Музыка способна метафорически передавать психологические эффекты травмы: опустошающие последствия и явления, сопровождающие реабилитацию. Аргументацию я буду строить на теориях Карут и Фелман при одновременном обращении к более давней интеллектуальной традиции, которая представляет дезинтеграцию эстетических условностей в качестве риторического приема для раскрытия результатов травмы83. Некоторые из рассмотренных произведений также побуждают вспомнить о восприятии травмы в качестве «недуга времени». Обрывки воспоминаний воспроизводятся и составляются во фрагментарное, грешащее повторами настоящее, в котором рушится линейная граница между тем, что произошло, что происходит сейчас и что еще только должно произойти. Учитывая особое внимание исследователей травм к распаду представлений, я также буду анализировать, как музыка может метафорически выражать элементы реабилитации. Наконец, музыка зачастую взаимодействует с травмами на формальном уровне через такие приемы, как повторы, статичность, фрагментация, коллаж, телеология, диссонанс и дезинтеграция. В таких случаях музыка не обязательно выступает буквальным отображением травмы, а скорее служит свидетельством ее последствий, давая слушателям понять, как травмы могут влиять на воспоминания и восприятие времени.

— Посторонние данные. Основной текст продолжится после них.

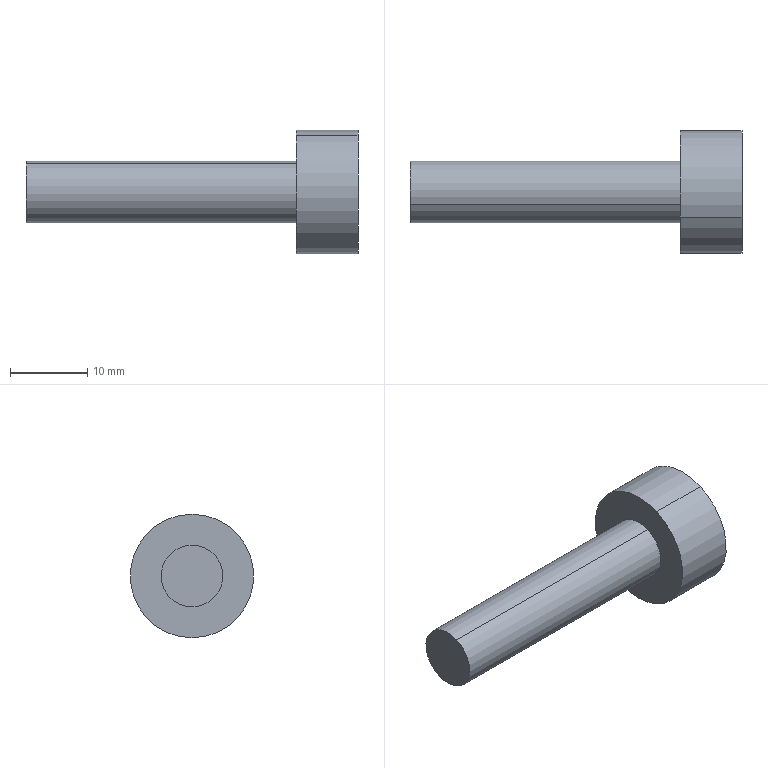Component | SolidWorks | M8Screw-2-1 | 1 solid | 7 faces | box 43 x 16 x 16 mm | volume 3368 mm3 | cylinder 4 | plane 3 | commonest cylinder face diameters 16 x2 8 x2
build123d program:
from build123d import *


with BuildPart() as part:
    # Sketch1 → Revolve1 (revolve)
    with BuildSketch(Plane.XY, mode=Mode.PRIVATE) as revolve1_sk:
        Polygon((0, 0), (0, -43), (4, -43), (4, -8), (8, -8), (8, 0), align=None)
    revolve(revolve1_sk.sketch.rotate(Axis((0, 0, 0), (0, -1, 0)), 180), axis=Axis((0, 0, 0), (0, -1, 0)))


solid = part.part

# Placed as in the assembly
solid = solid.moved(Location((619.036, -118.615, -4.5), (0, 0, -90)))
STEP:
#1=COLOUR_RGB('',0.7922,0.8196,0.9333);
#2=FILL_AREA_STYLE_COLOUR('',#1);
#3=FILL_AREA_STYLE('',(#2));
#4=SURFACE_STYLE_FILL_AREA(#3);
#5=SURFACE_SIDE_STYLE('',(#4));
#6=SURFACE_STYLE_USAGE(.BOTH.,#5);
#7=PRESENTATION_STYLE_ASSIGNMENT((#6));
#8=CARTESIAN_POINT('',(24.057,-4.798,0.1106));
#9=VERTEX_POINT('',#8);
#10=CARTESIAN_POINT('',(24.057,-4.542,-0.4649));
#11=VERTEX_POINT('',#10);
#12=CARTESIAN_POINT('',(24.057,-4.67,-0.1772));
#13=DIRECTION('',(1.,-0.,-0.));
#14=DIRECTION('',(0.,-0.4065,0.9137));
#15=AXIS2_PLACEMENT_3D('',#12,#13,#14);
#16=CIRCLE('',#15,0.315);
#17=EDGE_CURVE('',#9,#11,#16,.T.);
#18=ORIENTED_EDGE('',*,*,#17,.T.);
#19=CARTESIAN_POINT('',(24.372,-4.542,-0.4649));
#20=VERTEX_POINT('',#19);
#21=CARTESIAN_POINT('',(24.372,-4.542,-0.4649));
#22=DIRECTION('',(1.,-0.,-0.));
#23=VECTOR('',#22,39.37);
#24=LINE('',#21,#23);
#25=EDGE_CURVE('',#11,#20,#24,.T.);
#26=ORIENTED_EDGE('',*,*,#25,.T.);
#27=CARTESIAN_POINT('',(24.372,-4.798,0.1106));
#28=VERTEX_POINT('',#27);
#29=CARTESIAN_POINT('',(24.372,-4.67,-0.1772));
#30=DIRECTION('',(1.,-0.,-0.));
#31=DIRECTION('',(0.,-0.4065,0.9137));
#32=AXIS2_PLACEMENT_3D('',#29,#30,#31);
#33=CIRCLE('',#32,0.315);
#34=EDGE_CURVE('',#28,#20,#33,.T.);
#35=ORIENTED_EDGE('',*,*,#34,.F.);
#36=CARTESIAN_POINT('',(24.372,-4.798,0.1106));
#37=DIRECTION('',(1.,-0.,-0.));
#38=VECTOR('',#37,39.37);
#39=LINE('',#36,#38);
#40=EDGE_CURVE('',#9,#28,#39,.T.);
#41=ORIENTED_EDGE('',*,*,#40,.F.);
#42=EDGE_LOOP('',(#18,#26,#35,#41));
#43=FACE_OUTER_BOUND('',#42,.T.);
#44=CARTESIAN_POINT('',(24.372,-4.67,-0.1772));
#45=DIRECTION('',(1.,-0.,-0.));
#46=DIRECTION('',(0.,-0.4065,0.9137));
#47=AXIS2_PLACEMENT_3D('',#44,#45,#46);
#48=CYLINDRICAL_SURFACE('',#47,0.315);
#49=ADVANCED_FACE('',(#43),#48,.T.);
#50=CARTESIAN_POINT('',(22.679,-4.734,-0.03328));
#51=VERTEX_POINT('',#50);
#52=CARTESIAN_POINT('',(22.679,-4.606,-0.321));
#53=VERTEX_POINT('',#52);
#54=CARTESIAN_POINT('',(22.679,-4.67,-0.1772));
#55=DIRECTION('',(1.,-0.,-0.));
#56=DIRECTION('',(0.,-0.4065,0.9137));
#57=AXIS2_PLACEMENT_3D('',#54,#55,#56);
#58=CIRCLE('',#57,0.1575);
#59=EDGE_CURVE('',#51,#53,#58,.T.);
#60=ORIENTED_EDGE('',*,*,#59,.T.);
#61=CARTESIAN_POINT('',(24.057,-4.606,-0.321));
#62=VERTEX_POINT('',#61);
#63=CARTESIAN_POINT('',(24.372,-4.606,-0.321));
#64=DIRECTION('',(1.,-0.,-0.));
#65=VECTOR('',#64,39.37);
#66=LINE('',#63,#65);
#67=EDGE_CURVE('',#53,#62,#66,.T.);
#68=ORIENTED_EDGE('',*,*,#67,.T.);
#69=CARTESIAN_POINT('',(24.057,-4.734,-0.03328));
#70=VERTEX_POINT('',#69);
#71=CARTESIAN_POINT('',(24.057,-4.67,-0.1772));
#72=DIRECTION('',(1.,-0.,-0.));
#73=DIRECTION('',(0.,-0.4065,0.9137));
#74=AXIS2_PLACEMENT_3D('',#71,#72,#73);
#75=CIRCLE('',#74,0.1575);
#76=EDGE_CURVE('',#70,#62,#75,.T.);
#77=ORIENTED_EDGE('',*,*,#76,.F.);
#78=CARTESIAN_POINT('',(24.372,-4.734,-0.03328));
#79=DIRECTION('',(1.,-0.,-0.));
#80=VECTOR('',#79,39.37);
#81=LINE('',#78,#80);
#82=EDGE_CURVE('',#51,#70,#81,.T.);
#83=ORIENTED_EDGE('',*,*,#82,.F.);
#84=EDGE_LOOP('',(#60,#68,#77,#83));
#85=FACE_OUTER_BOUND('',#84,.T.);
#86=CARTESIAN_POINT('',(24.372,-4.67,-0.1772));
#87=DIRECTION('',(1.,-0.,-0.));
#88=DIRECTION('',(0.,-0.4065,0.9137));
#89=AXIS2_PLACEMENT_3D('',#86,#87,#88);
#90=CYLINDRICAL_SURFACE('',#89,0.1575);
#91=ADVANCED_FACE('',(#85),#90,.T.);
#92=ORIENTED_EDGE('',*,*,#34,.T.);
#93=CARTESIAN_POINT('',(24.372,-4.67,-0.1772));
#94=DIRECTION('',(1.,-0.,-0.));
#95=DIRECTION('',(0.,-0.4065,0.9137));
#96=AXIS2_PLACEMENT_3D('',#93,#94,#95);
#97=CIRCLE('',#96,0.315);
#98=EDGE_CURVE('',#20,#28,#97,.T.);
#99=ORIENTED_EDGE('',*,*,#98,.T.);
#100=EDGE_LOOP('',(#92,#99));
#101=FACE_OUTER_BOUND('',#100,.T.);
#102=CARTESIAN_POINT('',(24.372,-4.542,-0.4649));
#103=DIRECTION('',(-1.,0.,0.));
#104=DIRECTION('',(0.,0.4065,-0.9137));
#105=AXIS2_PLACEMENT_3D('',#102,#103,#104);
#106=PLANE('',#105);
#107=ADVANCED_FACE('',(#101),#106,.F.);
#108=ORIENTED_EDGE('',*,*,#59,.F.);
#109=CARTESIAN_POINT('',(22.679,-4.67,-0.1772));
#110=DIRECTION('',(1.,-0.,-0.));
#111=DIRECTION('',(0.,-0.4065,0.9137));
#112=AXIS2_PLACEMENT_3D('',#109,#110,#111);
#113=CIRCLE('',#112,0.1575);
#114=EDGE_CURVE('',#53,#51,#113,.T.);
#115=ORIENTED_EDGE('',*,*,#114,.F.);
#116=EDGE_LOOP('',(#108,#115));
#117=FACE_OUTER_BOUND('',#116,.T.);
#118=CARTESIAN_POINT('',(22.679,-4.67,-0.1772));
#119=DIRECTION('',(1.,-0.,-0.));
#120=DIRECTION('',(-0.,-0.4065,0.9137));
#121=AXIS2_PLACEMENT_3D('',#118,#119,#120);
#122=PLANE('',#121);
#123=ADVANCED_FACE('',(#117),#122,.F.);
#124=ORIENTED_EDGE('',*,*,#67,.F.);
#125=ORIENTED_EDGE('',*,*,#114,.T.);
#126=ORIENTED_EDGE('',*,*,#82,.T.);
#127=CARTESIAN_POINT('',(24.057,-4.67,-0.1772));
#128=DIRECTION('',(1.,-0.,-0.));
#129=DIRECTION('',(0.,-0.4065,0.9137));
#130=AXIS2_PLACEMENT_3D('',#127,#128,#129);
#131=CIRCLE('',#130,0.1575);
#132=EDGE_CURVE('',#62,#70,#131,.T.);
#133=ORIENTED_EDGE('',*,*,#132,.F.);
#134=EDGE_LOOP('',(#124,#125,#126,#133));
#135=FACE_OUTER_BOUND('',#134,.T.);
#136=CARTESIAN_POINT('',(24.372,-4.67,-0.1772));
#137=DIRECTION('',(1.,-0.,-0.));
#138=DIRECTION('',(0.,-0.4065,0.9137));
#139=AXIS2_PLACEMENT_3D('',#136,#137,#138);
#140=CYLINDRICAL_SURFACE('',#139,0.1575);
#141=ADVANCED_FACE('',(#135),#140,.T.);
#142=ORIENTED_EDGE('',*,*,#17,.F.);
#143=CARTESIAN_POINT('',(24.057,-4.67,-0.1772));
#144=DIRECTION('',(1.,-0.,-0.));
#145=DIRECTION('',(0.,-0.4065,0.9137));
#146=AXIS2_PLACEMENT_3D('',#143,#144,#145);
#147=CIRCLE('',#146,0.315);
#148=EDGE_CURVE('',#11,#9,#147,.T.);
#149=ORIENTED_EDGE('',*,*,#148,.F.);
#150=EDGE_LOOP('',(#142,#149));
#151=FACE_OUTER_BOUND('',#150,.T.);
#152=ORIENTED_EDGE('',*,*,#76,.T.);
#153=ORIENTED_EDGE('',*,*,#132,.T.);
#154=EDGE_LOOP('',(#152,#153));
#155=FACE_BOUND('',#154,.T.);
#156=CARTESIAN_POINT('',(24.057,-4.606,-0.321));
#157=DIRECTION('',(1.,-0.,-0.));
#158=DIRECTION('',(-0.,-0.4065,0.9137));
#159=AXIS2_PLACEMENT_3D('',#156,#157,#158);
#160=PLANE('',#159);
#161=ADVANCED_FACE('',(#151,#155),#160,.F.);
#162=ORIENTED_EDGE('',*,*,#25,.F.);
#163=ORIENTED_EDGE('',*,*,#148,.T.);
#164=ORIENTED_EDGE('',*,*,#40,.T.);
#165=ORIENTED_EDGE('',*,*,#98,.F.);
#166=EDGE_LOOP('',(#162,#163,#164,#165));
#167=FACE_OUTER_BOUND('',#166,.T.);
#168=CARTESIAN_POINT('',(24.372,-4.67,-0.1772));
#169=DIRECTION('',(1.,-0.,-0.));
#170=DIRECTION('',(0.,-0.4065,0.9137));
#171=AXIS2_PLACEMENT_3D('',#168,#169,#170);
#172=CYLINDRICAL_SURFACE('',#171,0.315);
#173=ADVANCED_FACE('',(#167),#172,.T.);
#174=CLOSED_SHELL('',(#49,#91,#107,#123,#141,#161,#173));
#175=MANIFOLD_SOLID_BREP('',#174);
#176=STYLED_ITEM('',(#7),#175);
#177=PRESENTATION_LAYER_ASSIGNMENT('','',(#176));
#178=(LENGTH_UNIT()NAMED_UNIT(*)SI_UNIT($,.METRE.));
#179=LENGTH_MEASURE_WITH_UNIT(LENGTH_MEASURE(0.0254),#178);
#180=DIMENSIONAL_EXPONENTS(1.,0.,0.,0.,0.,0.,0.);
#181=(CONVERSION_BASED_UNIT('',#179)LENGTH_UNIT()NAMED_UNIT(#180));
#182=UNCERTAINTY_MEASURE_WITH_UNIT(LENGTH_MEASURE(0.00001),#181,'','');
#183=(NAMED_UNIT(*)PLANE_ANGLE_UNIT()SI_UNIT($,.RADIAN.));
#184=(NAMED_UNIT(*)SI_UNIT($,.STERADIAN.)SOLID_ANGLE_UNIT());
#185=(GEOMETRIC_REPRESENTATION_CONTEXT(3)GLOBAL_UNCERTAINTY_ASSIGNED_CONTEXT((#182))GLOBAL_UNIT_ASSIGNED_CONTEXT((#181,#183,#184))REPRESENTATION_CONTEXT('',''));
#186=MECHANICAL_DESIGN_GEOMETRIC_PRESENTATION_REPRESENTATION('',(#176),#185);
#187=CARTESIAN_POINT('',(0.,0.,0.));
#188=DIRECTION('',(0.,0.,1.));
#189=DIRECTION('',(1.,0.,0.));
#190=AXIS2_PLACEMENT_3D('',#187,#188,#189);
#191=(LENGTH_UNIT()NAMED_UNIT(*)SI_UNIT($,.METRE.));
#192=LENGTH_MEASURE_WITH_UNIT(LENGTH_MEASURE(0.0254),#191);
#193=DIMENSIONAL_EXPONENTS(1.,0.,0.,0.,0.,0.,0.);
#194=(CONVERSION_BASED_UNIT('',#192)LENGTH_UNIT()NAMED_UNIT(#193));
#195=UNCERTAINTY_MEASURE_WITH_UNIT(LENGTH_MEASURE(0.00001),#194,'','');
#196=(NAMED_UNIT(*)PLANE_ANGLE_UNIT()SI_UNIT($,.RADIAN.));
#197=(NAMED_UNIT(*)SI_UNIT($,.STERADIAN.)SOLID_ANGLE_UNIT());
#198=(GEOMETRIC_REPRESENTATION_CONTEXT(3)GLOBAL_UNCERTAINTY_ASSIGNED_CONTEXT((#195))GLOBAL_UNIT_ASSIGNED_CONTEXT((#194,#196,#197))REPRESENTATION_CONTEXT('',''));
#199=ADVANCED_BREP_SHAPE_REPRESENTATION('',(#175,#190),#198);

Уделяя внимание формальным качествам музыки как средству свидетельствования по примеру Карут и Фелман, я тем не менее постараюсь избежать некоторых проблемных моментов, которые, на мой взгляд, присутствуют в подходах коллег. В частности, моя книга в некоторой степени ставит под вопрос главенство языковых средств в теориях травм84. Язык выступает основой и занимает почетное место как в терапии, так и в письменных источниках, особенно тогда, когда ученые стремятся выразить на бумаге идеи, почерпнутые из психоанализа и психологии. Многозначный термин «представления» то и дело фактически подменяет собой более узкую и часто не упоминаемую прямо категорию «линейный нарратив, выраженный языковыми средствами». Мой фокус на музыке создает возможность для осмысления в том числе иных выразительных средств. Концепт «культурной травмы» оказывается весьма полезным для музыковедческого исследования, поскольку позволяет апеллировать к синтетической природе эстетических произведений и одновременно ослабить примат языка, на котором зиждется значительная часть работ, посвященных проблематике травм. Александер и Айерман, оценивая обширный набор общественных площадок, называют культурную травму результатом социального дискурса в его самом полном выражении. Косвенно в этом утверждении содержится предположение о возможности выйти за пределы анализа, проводимого исключительно за счет языковых выразительных средств.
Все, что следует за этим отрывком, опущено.